Article about Netflix paper in law journal
David Molnar pointed me to an article in the Shidler Journal of Law that prominently cites the Netflix dataset de-anonymization paper. I’m very happy to see this; when we wrote our paper, we were hoping to see the legal community analyze the implications of our work for privacy laws. As the article notes:
Re-identification of anonymized data with individual consumers may expose companies to increased liability. If data is re-identified, this may be due to the failure of companies to take reasonable precautions to protect consumer data. In addition, companies may violate their own privacy policies by releasing anonymous information to third parties that can be easily re-identified with individual users.

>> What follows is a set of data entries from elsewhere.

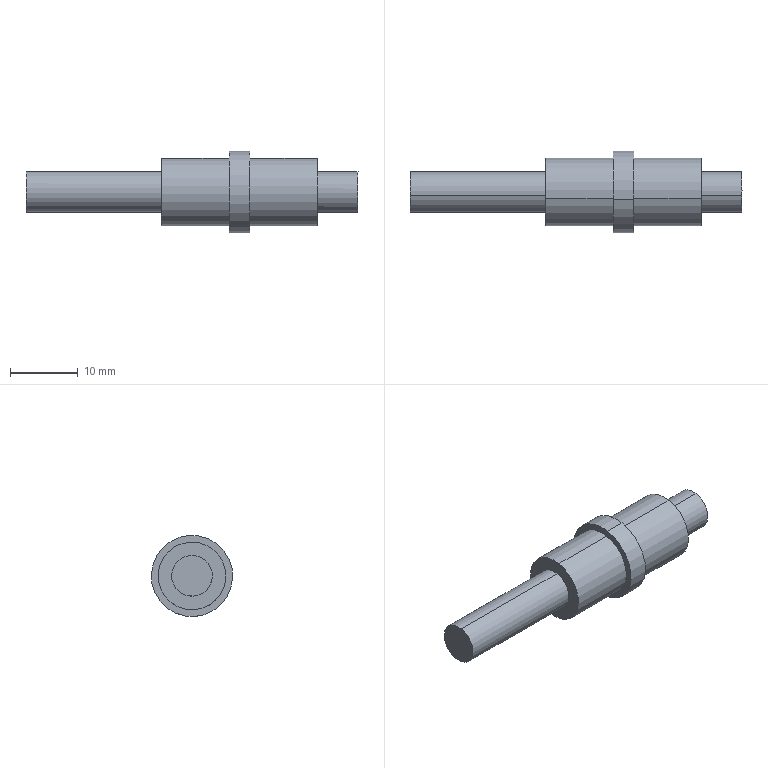Component | SolidWorks | GrippingMandrel-1 | 1 solid | 16 faces | box 49.01 x 12 x 12 mm | volume 2645 mm3 | cylinder 10 | plane 6 | commonest cylinder face diameters 6 x4 10 x4 12 x2
build123d program:
from build123d import *

# Parameters (mm, degrees)
SKETCH1_R           = 5
BOSS_EXTRUDE1_DEPTH = 10
SKETCH2_R           = 3
BOSS_EXTRUDE2_DEPTH = 6
SKETCH4_R           = 6
BOSS_EXTRUDE4_DEPTH = 3
SKETCH5_R           = 5
BOSS_EXTRUDE5_DEPTH = 10
BOSS_EXTRUDE6_START = 20
SKETCH6_R           = 3
BOSS_EXTRUDE6_DEPTH = 20


with BuildPart() as part:
    # Sketch1 → Boss-Extrude1 (new body)
    with BuildSketch(Plane(origin=(0, 0, 0), x_dir=(1, 0, 0), z_dir=(0, 1, 0))):
        with Locations(Location((0, 0, 0), (0, 0, 270))):
            Circle(SKETCH1_R)
    extrude(amount=BOSS_EXTRUDE1_DEPTH)

    # Sketch2 → Boss-Extrude2 (add)
    with BuildSketch(Plane(origin=(0, 0, 0), x_dir=(-1, 0, 0), z_dir=(0, -1, 0))):
        with Locations(Location((0, 0, 0), (0, 0, 90))):
            Circle(SKETCH2_R)
    extrude(amount=BOSS_EXTRUDE2_DEPTH)

    # Sketch4 → Boss-Extrude4 (add)
    with BuildSketch(Plane(origin=(0, 10, 0), x_dir=(1, 0, 0), z_dir=(0, 1, 0))):
        with Locations(Location((0, 0, 0), (0, 0, 270))):
            Circle(SKETCH4_R)
    extrude(amount=BOSS_EXTRUDE4_DEPTH)

    # Sketch5 → Boss-Extrude5 (add)
    with BuildSketch(Plane(origin=(0, 13, 0), x_dir=(1, 0, 0), z_dir=(0, 1, 0))):
        with Locations(Location((0, 0, 0), (0, 0, 270))):
            Circle(SKETCH5_R)
    extrude(amount=BOSS_EXTRUDE5_DEPTH)

    # Sketch6 → Boss-Extrude6 (add)
    with BuildSketch(Plane(origin=(0, 23, 0), x_dir=(1, 0, 0), z_dir=(0, 1, 0)).offset(BOSS_EXTRUDE6_START)):
        with Locations(Location((0, 0, 0), (0, 0, 90))):
            Circle(SKETCH6_R)
    extrude(amount=-BOSS_EXTRUDE6_DEPTH)


solid = part.part

# Placed as in the assembly
solid = solid.moved(Location((-104.642, 765.309, 1092.206), (-22.496, 0.05719, 90.024)))
STEP:
#1=CARTESIAN_POINT('',(-5.813,30.109,43.118));
#2=VERTEX_POINT('',#1);
#3=CARTESIAN_POINT('',(-5.813,30.152,42.886));
#4=VERTEX_POINT('',#3);
#5=CARTESIAN_POINT('',(-5.813,30.13,43.002));
#6=DIRECTION('',(-1.,-0.,0.00108));
#7=DIRECTION('',(0.001062,-0.1828,0.9831));
#8=AXIS2_PLACEMENT_3D('',#5,#6,#7);
#9=CIRCLE('',#8,0.1181);
#10=EDGE_CURVE('',#2,#4,#9,.T.);
#11=ORIENTED_EDGE('',*,*,#10,.F.);
#12=CARTESIAN_POINT('',(-5.025,30.109,43.117));
#13=VERTEX_POINT('',#12);
#14=CARTESIAN_POINT('',(-5.813,30.109,43.118));
#15=DIRECTION('',(1.,0.,-0.00108));
#16=VECTOR('',#15,39.37);
#17=LINE('',#14,#16);
#18=EDGE_CURVE('',#2,#13,#17,.T.);
#19=ORIENTED_EDGE('',*,*,#18,.T.);
#20=CARTESIAN_POINT('',(-5.025,30.152,42.885));
#21=VERTEX_POINT('',#20);
#22=CARTESIAN_POINT('',(-5.025,30.13,43.001));
#23=DIRECTION('',(-1.,-0.,0.00108));
#24=DIRECTION('',(0.001062,-0.1828,0.9831));
#25=AXIS2_PLACEMENT_3D('',#22,#23,#24);
#26=CIRCLE('',#25,0.1181);
#27=EDGE_CURVE('',#13,#21,#26,.T.);
#28=ORIENTED_EDGE('',*,*,#27,.T.);
#29=CARTESIAN_POINT('',(-5.813,30.152,42.886));
#30=DIRECTION('',(1.,0.,-0.00108));
#31=VECTOR('',#30,39.37);
#32=LINE('',#29,#31);
#33=EDGE_CURVE('',#4,#21,#32,.T.);
#34=ORIENTED_EDGE('',*,*,#33,.F.);
#35=EDGE_LOOP('',(#11,#19,#28,#34));
#36=FACE_OUTER_BOUND('',#35,.T.);
#37=CARTESIAN_POINT('',(-5.813,30.13,43.002));
#38=DIRECTION('',(1.,0.,-0.00108));
#39=DIRECTION('',(-0.001062,0.1828,-0.9831));
#40=AXIS2_PLACEMENT_3D('',#37,#38,#39);
#41=CYLINDRICAL_SURFACE('',#40,0.1181);
#42=ADVANCED_FACE('',(#36),#41,.T.);
#43=CARTESIAN_POINT('',(-5.025,30.094,43.195));
#44=VERTEX_POINT('',#43);
#45=CARTESIAN_POINT('',(-5.025,30.166,42.808));
#46=VERTEX_POINT('',#45);
#47=CARTESIAN_POINT('',(-5.025,30.13,43.001));
#48=DIRECTION('',(-1.,-0.,0.00108));
#49=DIRECTION('',(0.001062,-0.1828,0.9831));
#50=AXIS2_PLACEMENT_3D('',#47,#48,#49);
#51=CIRCLE('',#50,0.1969);
#52=EDGE_CURVE('',#44,#46,#51,.T.);
#53=ORIENTED_EDGE('',*,*,#52,.F.);
#54=CARTESIAN_POINT('',(-4.631,30.094,43.194));
#55=VERTEX_POINT('',#54);
#56=CARTESIAN_POINT('',(-5.025,30.094,43.195));
#57=DIRECTION('',(1.,0.,-0.00108));
#58=VECTOR('',#57,39.37);
#59=LINE('',#56,#58);
#60=EDGE_CURVE('',#44,#55,#59,.T.);
#61=ORIENTED_EDGE('',*,*,#60,.T.);
#62=CARTESIAN_POINT('',(-4.632,30.166,42.807));
#63=VERTEX_POINT('',#62);
#64=CARTESIAN_POINT('',(-4.632,30.13,43.001));
#65=DIRECTION('',(-1.,-0.,0.00108));
#66=DIRECTION('',(0.001062,-0.1828,0.9831));
#67=AXIS2_PLACEMENT_3D('',#64,#65,#66);
#68=CIRCLE('',#67,0.1969);
#69=EDGE_CURVE('',#55,#63,#68,.T.);
#70=ORIENTED_EDGE('',*,*,#69,.T.);
#71=CARTESIAN_POINT('',(-5.025,30.166,42.808));
#72=DIRECTION('',(1.,0.,-0.00108));
#73=VECTOR('',#72,39.37);
#74=LINE('',#71,#73);
#75=EDGE_CURVE('',#46,#63,#74,.T.);
#76=ORIENTED_EDGE('',*,*,#75,.F.);
#77=EDGE_LOOP('',(#53,#61,#70,#76));
#78=FACE_OUTER_BOUND('',#77,.T.);
#79=CARTESIAN_POINT('',(-5.025,30.13,43.001));
#80=DIRECTION('',(1.,0.,-0.00108));
#81=DIRECTION('',(-0.001062,0.1828,-0.9831));
#82=AXIS2_PLACEMENT_3D('',#79,#80,#81);
#83=CYLINDRICAL_SURFACE('',#82,0.1969);
#84=ADVANCED_FACE('',(#78),#83,.T.);
#85=CARTESIAN_POINT('',(-4.631,30.087,43.233));
#86=VERTEX_POINT('',#85);
#87=CARTESIAN_POINT('',(-4.632,30.173,42.769));
#88=VERTEX_POINT('',#87);
#89=CARTESIAN_POINT('',(-4.632,30.13,43.001));
#90=DIRECTION('',(-1.,-0.,0.00108));
#91=DIRECTION('',(0.001062,-0.1828,0.9831));
#92=AXIS2_PLACEMENT_3D('',#89,#90,#91);
#93=CIRCLE('',#92,0.2362);
#94=EDGE_CURVE('',#86,#88,#93,.T.);
#95=ORIENTED_EDGE('',*,*,#94,.F.);
#96=CARTESIAN_POINT('',(-4.513,30.087,43.233));
#97=VERTEX_POINT('',#96);
#98=CARTESIAN_POINT('',(-4.631,30.087,43.233));
#99=DIRECTION('',(1.,0.,-0.00108));
#100=VECTOR('',#99,39.37);
#101=LINE('',#98,#100);
#102=EDGE_CURVE('',#86,#97,#101,.T.);
#103=ORIENTED_EDGE('',*,*,#102,.T.);
#104=CARTESIAN_POINT('',(-4.514,30.173,42.768));
#105=VERTEX_POINT('',#104);
#106=CARTESIAN_POINT('',(-4.513,30.13,43.001));
#107=DIRECTION('',(-1.,-0.,0.00108));
#108=DIRECTION('',(0.001062,-0.1828,0.9831));
#109=AXIS2_PLACEMENT_3D('',#106,#107,#108);
#110=CIRCLE('',#109,0.2362);
#111=EDGE_CURVE('',#97,#105,#110,.T.);
#112=ORIENTED_EDGE('',*,*,#111,.T.);
#113=CARTESIAN_POINT('',(-4.632,30.173,42.769));
#114=DIRECTION('',(1.,0.,-0.00108));
#115=VECTOR('',#114,39.37);
#116=LINE('',#113,#115);
#117=EDGE_CURVE('',#88,#105,#116,.T.);
#118=ORIENTED_EDGE('',*,*,#117,.F.);
#119=EDGE_LOOP('',(#95,#103,#112,#118));
#120=FACE_OUTER_BOUND('',#119,.T.);
#121=CARTESIAN_POINT('',(-4.632,30.13,43.001));
#122=DIRECTION('',(1.,0.,-0.00108));
#123=DIRECTION('',(-0.001062,0.1828,-0.9831));
#124=AXIS2_PLACEMENT_3D('',#121,#122,#123);
#125=CYLINDRICAL_SURFACE('',#124,0.2362);
#126=ADVANCED_FACE('',(#120),#125,.T.);
#127=CARTESIAN_POINT('',(-3.884,30.152,42.884));
#128=VERTEX_POINT('',#127);
#129=CARTESIAN_POINT('',(-3.883,30.109,43.116));
#130=VERTEX_POINT('',#129);
#131=CARTESIAN_POINT('',(-3.884,30.13,43.));
#132=DIRECTION('',(1.,0.,-0.00108));
#133=DIRECTION('',(-0.001062,0.1828,-0.9831));
#134=AXIS2_PLACEMENT_3D('',#131,#132,#133);
#135=CIRCLE('',#134,0.1181);
#136=EDGE_CURVE('',#128,#130,#135,.T.);
#137=ORIENTED_EDGE('',*,*,#136,.F.);
#138=CARTESIAN_POINT('',(-4.12,30.152,42.884));
#139=VERTEX_POINT('',#138);
#140=CARTESIAN_POINT('',(-3.884,30.152,42.884));
#141=DIRECTION('',(-1.,-0.,0.00108));
#142=VECTOR('',#141,39.37);
#143=LINE('',#140,#142);
#144=EDGE_CURVE('',#128,#139,#143,.T.);
#145=ORIENTED_EDGE('',*,*,#144,.T.);
#146=CARTESIAN_POINT('',(-4.12,30.109,43.116));
#147=VERTEX_POINT('',#146);
#148=CARTESIAN_POINT('',(-4.12,30.13,43.));
#149=DIRECTION('',(1.,0.,-0.00108));
#150=DIRECTION('',(-0.001062,0.1828,-0.9831));
#151=AXIS2_PLACEMENT_3D('',#148,#149,#150);
#152=CIRCLE('',#151,0.1181);
#153=EDGE_CURVE('',#139,#147,#152,.T.);
#154=ORIENTED_EDGE('',*,*,#153,.T.);
#155=CARTESIAN_POINT('',(-3.883,30.109,43.116));
#156=DIRECTION('',(-1.,-0.,0.00108));
#157=VECTOR('',#156,39.37);
#158=LINE('',#155,#157);
#159=EDGE_CURVE('',#130,#147,#158,.T.);
#160=ORIENTED_EDGE('',*,*,#159,.F.);
#161=EDGE_LOOP('',(#137,#145,#154,#160));
#162=FACE_OUTER_BOUND('',#161,.T.);
#163=CARTESIAN_POINT('',(-3.884,30.13,43.));
#164=DIRECTION('',(-1.,-0.,0.00108));
#165=DIRECTION('',(0.001062,-0.1828,0.9831));
#166=AXIS2_PLACEMENT_3D('',#163,#164,#165);
#167=CYLINDRICAL_SURFACE('',#166,0.1181);
#168=ADVANCED_FACE('',(#162),#167,.T.);
#169=CARTESIAN_POINT('',(-4.513,30.094,43.194));
#170=VERTEX_POINT('',#169);
#171=CARTESIAN_POINT('',(-4.514,30.166,42.807));
#172=VERTEX_POINT('',#171);
#173=CARTESIAN_POINT('',(-4.513,30.13,43.001));
#174=DIRECTION('',(-1.,-0.,0.00108));
#175=DIRECTION('',(0.001062,-0.1828,0.9831));
#176=AXIS2_PLACEMENT_3D('',#173,#174,#175);
#177=CIRCLE('',#176,0.1969);
#178=EDGE_CURVE('',#170,#172,#177,.T.);
#179=ORIENTED_EDGE('',*,*,#178,.F.);
#180=CARTESIAN_POINT('',(-4.12,30.094,43.194));
#181=VERTEX_POINT('',#180);
#182=CARTESIAN_POINT('',(-4.513,30.094,43.194));
#183=DIRECTION('',(1.,0.,-0.00108));
#184=VECTOR('',#183,39.37);
#185=LINE('',#182,#184);
#186=EDGE_CURVE('',#170,#181,#185,.T.);
#187=ORIENTED_EDGE('',*,*,#186,.T.);
#188=CARTESIAN_POINT('',(-4.12,30.166,42.807));
#189=VERTEX_POINT('',#188);
#190=CARTESIAN_POINT('',(-4.12,30.13,43.));
#191=DIRECTION('',(-1.,-0.,0.00108));
#192=DIRECTION('',(0.001062,-0.1828,0.9831));
#193=AXIS2_PLACEMENT_3D('',#190,#191,#192);
#194=CIRCLE('',#193,0.1969);
#195=EDGE_CURVE('',#181,#189,#194,.T.);
#196=ORIENTED_EDGE('',*,*,#195,.T.);
#197=CARTESIAN_POINT('',(-4.514,30.166,42.807));
#198=DIRECTION('',(1.,0.,-0.00108));
#199=VECTOR('',#198,39.37);
#200=LINE('',#197,#199);
#201=EDGE_CURVE('',#172,#189,#200,.T.);
#202=ORIENTED_EDGE('',*,*,#201,.F.);
#203=EDGE_LOOP('',(#179,#187,#196,#202));
#204=FACE_OUTER_BOUND('',#203,.T.);
#205=CARTESIAN_POINT('',(-4.513,30.13,43.001));
#206=DIRECTION('',(1.,0.,-0.00108));
#207=DIRECTION('',(-0.001062,0.1828,-0.9831));
#208=AXIS2_PLACEMENT_3D('',#205,#206,#207);
#209=CYLINDRICAL_SURFACE('',#208,0.1969);
#210=ADVANCED_FACE('',(#204),#209,.T.);
#211=ORIENTED_EDGE('',*,*,#186,.F.);
#212=CARTESIAN_POINT('',(-4.513,30.13,43.001));
#213=DIRECTION('',(-1.,-0.,0.00108));
#214=DIRECTION('',(0.001062,-0.1828,0.9831));
#215=AXIS2_PLACEMENT_3D('',#212,#213,#214);
#216=CIRCLE('',#215,0.1969);
#217=EDGE_CURVE('',#172,#170,#216,.T.);
#218=ORIENTED_EDGE('',*,*,#217,.F.);
#219=ORIENTED_EDGE('',*,*,#201,.T.);
#220=CARTESIAN_POINT('',(-4.12,30.13,43.));
#221=DIRECTION('',(-1.,-0.,0.00108));
#222=DIRECTION('',(0.001062,-0.1828,0.9831));
#223=AXIS2_PLACEMENT_3D('',#220,#221,#222);
#224=CIRCLE('',#223,0.1969);
#225=EDGE_CURVE('',#189,#181,#224,.T.);
#226=ORIENTED_EDGE('',*,*,#225,.T.);
#227=EDGE_LOOP('',(#211,#218,#219,#226));
#228=FACE_OUTER_BOUND('',#227,.T.);
#229=CARTESIAN_POINT('',(-4.513,30.13,43.001));
#230=DIRECTION('',(1.,0.,-0.00108));
#231=DIRECTION('',(-0.001062,0.1828,-0.9831));
#232=AXIS2_PLACEMENT_3D('',#229,#230,#231);
#233=CYLINDRICAL_SURFACE('',#232,0.1969);
#234=ADVANCED_FACE('',(#228),#233,.T.);
#235=CARTESIAN_POINT('',(-4.12,30.13,43.));
#236=DIRECTION('',(1.,0.,-0.00108));
#237=DIRECTION('',(-0.001062,0.1828,-0.9831));
#238=AXIS2_PLACEMENT_3D('',#235,#236,#237);
#239=CIRCLE('',#238,0.1181);
#240=EDGE_CURVE('',#147,#139,#239,.T.);
#241=ORIENTED_EDGE('',*,*,#240,.F.);
#242=ORIENTED_EDGE('',*,*,#153,.F.);
#243=EDGE_LOOP('',(#241,#242));
#244=FACE_BOUND('',#243,.T.);
#245=ORIENTED_EDGE('',*,*,#225,.F.);
#246=ORIENTED_EDGE('',*,*,#195,.F.);
#247=EDGE_LOOP('',(#245,#246));
#248=FACE_OUTER_BOUND('',#247,.T.);
#249=CARTESIAN_POINT('',(-4.12,30.13,43.));
#250=DIRECTION('',(-1.,-0.,0.00108));
#251=DIRECTION('',(0.001062,-0.1828,0.9831));
#252=AXIS2_PLACEMENT_3D('',#249,#250,#251);
#253=PLANE('',#252);
#254=ADVANCED_FACE('',(#244,#248),#253,.F.);
#255=ORIENTED_EDGE('',*,*,#144,.F.);
#256=CARTESIAN_POINT('',(-3.884,30.13,43.));
#257=DIRECTION('',(1.,0.,-0.00108));
#258=DIRECTION('',(-0.001062,0.1828,-0.9831));
#259=AXIS2_PLACEMENT_3D('',#256,#257,#258);
#260=CIRCLE('',#259,0.1181);
#261=EDGE_CURVE('',#130,#128,#260,.T.);
#262=ORIENTED_EDGE('',*,*,#261,.F.);
#263=ORIENTED_EDGE('',*,*,#159,.T.);
#264=ORIENTED_EDGE('',*,*,#240,.T.);
#265=EDGE_LOOP('',(#255,#262,#263,#264));
#266=FACE_OUTER_BOUND('',#265,.T.);
#267=CARTESIAN_POINT('',(-3.884,30.13,43.));
#268=DIRECTION('',(-1.,-0.,0.00108));
#269=DIRECTION('',(0.001062,-0.1828,0.9831));
#270=AXIS2_PLACEMENT_3D('',#267,#268,#269);
#271=CYLINDRICAL_SURFACE('',#270,0.1181);
#272=ADVANCED_FACE('',(#266),#271,.T.);
#273=ORIENTED_EDGE('',*,*,#261,.T.);
#274=ORIENTED_EDGE('',*,*,#136,.T.);
#275=EDGE_LOOP('',(#273,#274));
#276=FACE_OUTER_BOUND('',#275,.T.);
#277=CARTESIAN_POINT('',(-3.884,30.13,43.));
#278=DIRECTION('',(1.,0.,-0.00108));
#279=DIRECTION('',(-0.001062,0.1828,-0.9831));
#280=AXIS2_PLACEMENT_3D('',#277,#278,#279);
#281=PLANE('',#280);
#282=ADVANCED_FACE('',(#276),#281,.T.);
#283=ORIENTED_EDGE('',*,*,#102,.F.);
#284=CARTESIAN_POINT('',(-4.632,30.13,43.001));
#285=DIRECTION('',(-1.,-0.,0.00108));
#286=DIRECTION('',(0.001062,-0.1828,0.9831));
#287=AXIS2_PLACEMENT_3D('',#284,#285,#286);
#288=CIRCLE('',#287,0.2362);
#289=EDGE_CURVE('',#88,#86,#288,.T.);
#290=ORIENTED_EDGE('',*,*,#289,.F.);
#291=ORIENTED_EDGE('',*,*,#117,.T.);
#292=CARTESIAN_POINT('',(-4.513,30.13,43.001));
#293=DIRECTION('',(-1.,-0.,0.00108));
#294=DIRECTION('',(0.001062,-0.1828,0.9831));
#295=AXIS2_PLACEMENT_3D('',#292,#293,#294);
#296=CIRCLE('',#295,0.2362);
#297=EDGE_CURVE('',#105,#97,#296,.T.);
#298=ORIENTED_EDGE('',*,*,#297,.T.);
#299=EDGE_LOOP('',(#283,#290,#291,#298));
#300=FACE_OUTER_BOUND('',#299,.T.);
#301=CARTESIAN_POINT('',(-4.632,30.13,43.001));
#302=DIRECTION('',(1.,0.,-0.00108));
#303=DIRECTION('',(-0.001062,0.1828,-0.9831));
#304=AXIS2_PLACEMENT_3D('',#301,#302,#303);
#305=CYLINDRICAL_SURFACE('',#304,0.2362);
#306=ADVANCED_FACE('',(#300),#305,.T.);
#307=CARTESIAN_POINT('',(-4.632,30.13,43.001));
#308=DIRECTION('',(-1.,-0.,0.00108));
#309=DIRECTION('',(0.001062,-0.1828,0.9831));
#310=AXIS2_PLACEMENT_3D('',#307,#308,#309);
#311=CIRCLE('',#310,0.1969);
#312=EDGE_CURVE('',#63,#55,#311,.T.);
#313=ORIENTED_EDGE('',*,*,#312,.F.);
#314=ORIENTED_EDGE('',*,*,#69,.F.);
#315=EDGE_LOOP('',(#313,#314));
#316=FACE_BOUND('',#315,.T.);
#317=ORIENTED_EDGE('',*,*,#289,.T.);
#318=ORIENTED_EDGE('',*,*,#94,.T.);
#319=EDGE_LOOP('',(#317,#318));
#320=FACE_OUTER_BOUND('',#319,.T.);
#321=CARTESIAN_POINT('',(-4.632,30.13,43.001));
#322=DIRECTION('',(-1.,-0.,0.00108));
#323=DIRECTION('',(0.001062,-0.1828,0.9831));
#324=AXIS2_PLACEMENT_3D('',#321,#322,#323);
#325=PLANE('',#324);
#326=ADVANCED_FACE('',(#316,#320),#325,.T.);
#327=ORIENTED_EDGE('',*,*,#217,.T.);
#328=ORIENTED_EDGE('',*,*,#178,.T.);
#329=EDGE_LOOP('',(#327,#328));
#330=FACE_BOUND('',#329,.T.);
#331=ORIENTED_EDGE('',*,*,#297,.F.);
#332=ORIENTED_EDGE('',*,*,#111,.F.);
#333=EDGE_LOOP('',(#331,#332));
#334=FACE_OUTER_BOUND('',#333,.T.);
#335=CARTESIAN_POINT('',(-4.513,30.13,43.001));
#336=DIRECTION('',(-1.,-0.,0.00108));
#337=DIRECTION('',(0.001062,-0.1828,0.9831));
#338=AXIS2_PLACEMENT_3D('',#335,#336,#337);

New lines will need to be drawn defining what is acceptable data-release policy, and in a way that takes into account the actual re-identification risk instead of relying on syntactic crutches such as removing “personally identifiable” information. Perhaps there will need to be a constant process of evaluating and responding to continuing improvements in re-identification algorithms.
Perhaps the ability of third parties to discover information about an individual’s movie rankings is not too disturbing, as movie rankings are not generally considered to be sensitive information. But because these same techniques can lead to the re-identification of data, far greater privacy concerns are implicated.
Indeed, since we wrote our paper, there have been several high profile cases in the news or in the courts where our re-identification techniques can be used to cause much more sensitive privacy breaches, including the Google-Viacom lawsuit involving Youtube viewer logs and the targeted advertising companies Phorm and Nebuad. While the lessons of our paper have begun to propagate “downstream” to the realms of law, advocacy and policy, it has come too late to make a difference in the above examples.
Part of the reason why I started this blog is in the hope of accelerating this process by reaching out to people outside the computer science community. While our papers might be couched in technical language, the results of our research are general enough to be easily accessible to a broad audience, and I hope that this blog will become a central point for disseminating information more broadly.